Android Malware has emerged as a consequence of the increasing popularity of smartphones and tablets. While most previous work focuses on inherent characteristics of Android apps to detect malware, this study analyses indirect features and meta-data to identify patterns in malware applications. Our experiments show that: (1) the permissions used by an application offer only moderate performance results; (2) other features publicly available at Android Markets are more relevant in detecting malware, such as the application developer and certificate issuer, and (3) compact and efficient classifiers can be constructed for the early detection of malware applications prior to code inspection or sandboxing.

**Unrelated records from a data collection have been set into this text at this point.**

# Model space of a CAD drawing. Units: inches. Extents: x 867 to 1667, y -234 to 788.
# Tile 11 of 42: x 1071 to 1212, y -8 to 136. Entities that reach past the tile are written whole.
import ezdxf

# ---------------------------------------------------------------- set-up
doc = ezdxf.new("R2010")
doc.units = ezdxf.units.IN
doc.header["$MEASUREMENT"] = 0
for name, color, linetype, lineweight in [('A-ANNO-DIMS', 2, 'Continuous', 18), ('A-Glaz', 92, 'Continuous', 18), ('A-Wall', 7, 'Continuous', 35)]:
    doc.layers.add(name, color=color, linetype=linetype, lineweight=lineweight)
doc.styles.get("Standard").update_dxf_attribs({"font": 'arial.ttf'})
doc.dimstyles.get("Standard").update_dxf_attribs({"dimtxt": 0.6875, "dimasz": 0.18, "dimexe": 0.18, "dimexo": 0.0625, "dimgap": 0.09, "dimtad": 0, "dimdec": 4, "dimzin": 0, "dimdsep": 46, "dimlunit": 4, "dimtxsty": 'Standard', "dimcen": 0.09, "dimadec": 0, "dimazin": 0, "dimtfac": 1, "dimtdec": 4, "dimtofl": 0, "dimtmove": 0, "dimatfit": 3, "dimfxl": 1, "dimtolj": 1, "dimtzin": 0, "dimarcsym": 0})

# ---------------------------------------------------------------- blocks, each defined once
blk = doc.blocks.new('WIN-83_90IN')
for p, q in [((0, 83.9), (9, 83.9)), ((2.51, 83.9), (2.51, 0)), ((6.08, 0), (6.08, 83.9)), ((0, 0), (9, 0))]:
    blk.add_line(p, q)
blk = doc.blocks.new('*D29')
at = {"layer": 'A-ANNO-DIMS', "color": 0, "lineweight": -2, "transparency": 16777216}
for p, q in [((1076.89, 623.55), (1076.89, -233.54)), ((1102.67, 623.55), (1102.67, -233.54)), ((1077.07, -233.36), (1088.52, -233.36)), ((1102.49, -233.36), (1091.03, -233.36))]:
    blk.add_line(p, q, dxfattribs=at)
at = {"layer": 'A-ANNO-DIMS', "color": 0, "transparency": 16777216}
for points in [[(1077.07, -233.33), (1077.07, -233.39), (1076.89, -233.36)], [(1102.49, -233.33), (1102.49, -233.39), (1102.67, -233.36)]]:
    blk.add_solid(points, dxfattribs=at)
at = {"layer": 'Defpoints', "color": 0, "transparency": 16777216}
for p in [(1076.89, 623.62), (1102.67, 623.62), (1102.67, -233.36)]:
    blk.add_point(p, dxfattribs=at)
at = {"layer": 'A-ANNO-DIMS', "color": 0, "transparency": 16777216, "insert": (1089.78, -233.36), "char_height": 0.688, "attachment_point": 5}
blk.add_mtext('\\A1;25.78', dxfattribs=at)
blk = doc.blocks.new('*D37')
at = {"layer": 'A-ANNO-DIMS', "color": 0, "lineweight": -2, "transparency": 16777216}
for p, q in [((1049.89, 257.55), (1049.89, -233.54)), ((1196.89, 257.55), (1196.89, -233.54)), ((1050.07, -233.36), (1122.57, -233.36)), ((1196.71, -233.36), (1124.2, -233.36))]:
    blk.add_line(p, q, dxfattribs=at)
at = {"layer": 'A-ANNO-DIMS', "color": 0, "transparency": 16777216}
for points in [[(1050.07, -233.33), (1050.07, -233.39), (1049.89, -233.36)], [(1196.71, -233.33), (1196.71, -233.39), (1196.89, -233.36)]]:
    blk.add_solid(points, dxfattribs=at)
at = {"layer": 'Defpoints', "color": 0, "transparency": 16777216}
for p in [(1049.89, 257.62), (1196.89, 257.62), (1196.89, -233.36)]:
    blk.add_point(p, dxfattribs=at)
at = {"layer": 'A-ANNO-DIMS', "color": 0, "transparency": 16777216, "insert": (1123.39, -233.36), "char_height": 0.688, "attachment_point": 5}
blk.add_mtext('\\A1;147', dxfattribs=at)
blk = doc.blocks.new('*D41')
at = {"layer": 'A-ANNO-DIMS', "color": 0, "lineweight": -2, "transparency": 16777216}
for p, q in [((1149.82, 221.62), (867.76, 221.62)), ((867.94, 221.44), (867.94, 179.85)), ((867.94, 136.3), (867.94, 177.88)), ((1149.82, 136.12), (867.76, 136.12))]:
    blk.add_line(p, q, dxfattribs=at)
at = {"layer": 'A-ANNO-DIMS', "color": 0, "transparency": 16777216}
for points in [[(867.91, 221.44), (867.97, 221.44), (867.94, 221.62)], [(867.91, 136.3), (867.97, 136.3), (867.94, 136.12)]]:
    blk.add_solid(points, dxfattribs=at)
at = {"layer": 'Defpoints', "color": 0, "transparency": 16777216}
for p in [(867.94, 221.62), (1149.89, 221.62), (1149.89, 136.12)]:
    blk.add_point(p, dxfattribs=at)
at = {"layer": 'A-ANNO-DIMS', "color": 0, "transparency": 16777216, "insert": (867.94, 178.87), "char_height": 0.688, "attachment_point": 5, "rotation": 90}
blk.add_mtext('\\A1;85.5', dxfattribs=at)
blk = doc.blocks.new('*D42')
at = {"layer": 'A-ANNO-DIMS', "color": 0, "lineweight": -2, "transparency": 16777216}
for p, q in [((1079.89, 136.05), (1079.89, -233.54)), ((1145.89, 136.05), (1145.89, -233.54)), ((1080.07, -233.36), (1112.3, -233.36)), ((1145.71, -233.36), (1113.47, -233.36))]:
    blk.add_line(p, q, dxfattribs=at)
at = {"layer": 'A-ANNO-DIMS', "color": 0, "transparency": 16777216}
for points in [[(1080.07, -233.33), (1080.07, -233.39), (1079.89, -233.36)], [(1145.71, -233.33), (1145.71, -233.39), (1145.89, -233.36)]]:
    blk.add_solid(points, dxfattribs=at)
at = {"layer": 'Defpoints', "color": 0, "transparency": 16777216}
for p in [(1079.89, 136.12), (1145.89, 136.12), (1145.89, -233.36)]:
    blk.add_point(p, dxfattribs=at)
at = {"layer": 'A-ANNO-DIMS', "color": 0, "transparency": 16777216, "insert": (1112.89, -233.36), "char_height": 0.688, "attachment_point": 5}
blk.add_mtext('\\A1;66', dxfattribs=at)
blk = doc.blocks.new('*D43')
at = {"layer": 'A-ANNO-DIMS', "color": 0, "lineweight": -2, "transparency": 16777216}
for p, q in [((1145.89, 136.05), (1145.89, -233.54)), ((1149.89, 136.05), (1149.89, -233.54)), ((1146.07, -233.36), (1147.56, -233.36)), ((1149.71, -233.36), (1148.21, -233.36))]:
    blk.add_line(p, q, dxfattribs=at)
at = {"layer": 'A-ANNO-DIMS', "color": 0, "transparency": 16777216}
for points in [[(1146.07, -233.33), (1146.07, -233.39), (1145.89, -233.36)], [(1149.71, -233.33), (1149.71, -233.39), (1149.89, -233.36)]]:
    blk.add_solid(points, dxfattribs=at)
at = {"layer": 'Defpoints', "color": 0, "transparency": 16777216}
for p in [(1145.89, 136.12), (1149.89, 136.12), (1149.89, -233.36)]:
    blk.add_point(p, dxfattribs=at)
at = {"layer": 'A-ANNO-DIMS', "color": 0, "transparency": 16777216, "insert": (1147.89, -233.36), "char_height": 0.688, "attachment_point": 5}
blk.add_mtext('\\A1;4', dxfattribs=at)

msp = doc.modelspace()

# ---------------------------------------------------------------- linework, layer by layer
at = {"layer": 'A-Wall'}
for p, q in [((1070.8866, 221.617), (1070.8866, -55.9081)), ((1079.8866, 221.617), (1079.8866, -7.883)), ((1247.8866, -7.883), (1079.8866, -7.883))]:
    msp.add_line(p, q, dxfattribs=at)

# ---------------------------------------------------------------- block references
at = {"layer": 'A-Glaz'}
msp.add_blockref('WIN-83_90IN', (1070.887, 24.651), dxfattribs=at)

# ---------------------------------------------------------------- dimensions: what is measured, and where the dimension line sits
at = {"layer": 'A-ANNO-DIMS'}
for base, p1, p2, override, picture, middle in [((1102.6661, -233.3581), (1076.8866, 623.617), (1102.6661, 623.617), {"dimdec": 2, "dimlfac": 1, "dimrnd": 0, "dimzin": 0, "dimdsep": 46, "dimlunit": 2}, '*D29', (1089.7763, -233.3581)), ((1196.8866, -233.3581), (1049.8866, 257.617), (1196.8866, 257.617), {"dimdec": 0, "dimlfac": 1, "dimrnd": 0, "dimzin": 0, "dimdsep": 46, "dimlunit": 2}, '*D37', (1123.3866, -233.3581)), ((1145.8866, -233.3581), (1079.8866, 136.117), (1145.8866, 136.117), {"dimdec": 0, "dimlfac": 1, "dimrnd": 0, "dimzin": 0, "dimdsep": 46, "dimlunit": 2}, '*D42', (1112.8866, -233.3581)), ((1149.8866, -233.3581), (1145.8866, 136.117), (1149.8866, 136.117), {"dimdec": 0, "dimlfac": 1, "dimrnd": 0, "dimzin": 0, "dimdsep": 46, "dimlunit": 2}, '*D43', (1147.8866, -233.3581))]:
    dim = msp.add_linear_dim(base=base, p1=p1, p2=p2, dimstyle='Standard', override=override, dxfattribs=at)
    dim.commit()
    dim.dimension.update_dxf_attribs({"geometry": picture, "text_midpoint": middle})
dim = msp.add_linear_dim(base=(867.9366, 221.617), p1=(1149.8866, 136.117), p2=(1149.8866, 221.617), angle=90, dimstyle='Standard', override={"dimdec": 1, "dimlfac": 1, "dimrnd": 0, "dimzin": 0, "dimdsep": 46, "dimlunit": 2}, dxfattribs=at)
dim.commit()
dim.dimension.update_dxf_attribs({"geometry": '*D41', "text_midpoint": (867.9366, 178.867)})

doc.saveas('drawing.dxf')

Multi-scanner Antivirus systems provide insightful information on the nature of a suspect application; however there is often a lack of consensus and consistency between different Anti-Virus engines. In this article, we analyze more than 250 thousand malware signatures generated by 61 different Anti-Virus engines after analyzing 82 thousand different Android malware applications. We identify 41 different malware classes grouped into three major categories, namely Adware, Harmful Threats and Unknown or Generic signatures. We further investigate the relationships between such 41 classes using community detection algorithms from graph theory to identify similarities between them; and we finally propose a Structure Equation Model to identify which Anti-Virus engines are more powerful at detecting each macro-category. As an application, we show how such models can help in identifying whether Unknown malware applications are more likely to be of Harmful or Adware type.